Community-Based Rsrch&Prac

This course will introduce students to theoretical frameworks, controversies, methods, and other topics of community-based research and practice in the anthropological tradition. Students will understand the history of applied anthropology, critiques of anthropology coming from the global south, and critical epistemological approaches of contemporary engaged researchers and practitioners.

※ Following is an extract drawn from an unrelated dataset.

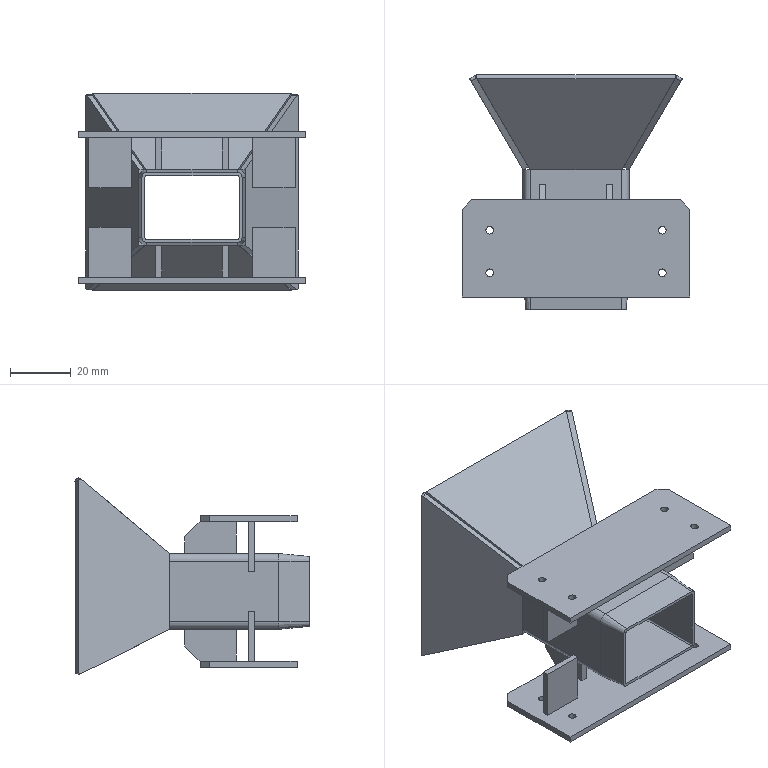Component | SolidWorks | BAssemblyInnerBagFunnel-1_InnerBagFunnel1-1 | 15 solids | 140 faces | volume 35380 mm3 | plane 108 | cylinder 28 | cone 4 | commonest cylinder face diameters 2.5 x16 5 x4 1 x4 1.2 x4

Pro-Seminar in Anthropology

This course introduces incoming graduate students in anthropology to the philosophies, research issues, and day-to-day practices of the department of anthropology at UMass Amherst. Basic skills in writing research proposals, cv's, and formulating career goals are emphasized. Enrollment is restricted to incoming students in the Department of Anthropology.

S- Oligarchy

This course is open to students who are engaged or wish to be engaged in organizing for more democratic societies and institutions. The class is offered in conjunction with the Feinberg Family Distinguished Lecture series, which will host talks on the theme of "oligarchy" throughout the academic year. Students will attend (synchronously or asynchronously) 4-5 events in the series. We will meet together to talk about diverse historical and contemporary iterations of and struggles against oligarchy, with an emphasis on how these events might inform our own collective struggles.

Critical Knowledge Practices

This course is designed for people who are actively attempting to teach, conduct research, or do social change work in a way that engages and cultivates the knowledge of marginalized communities. Organized efforts of marginalized people to produce collective knowledge and to make their knowledge matter have bubbled up in and been transported to many places and spaces across the globe, from rural Chiapas to rural Denmark, Appalachia to the Bronx, Brazil to Tanzania, the World Bank to the World Social Forum.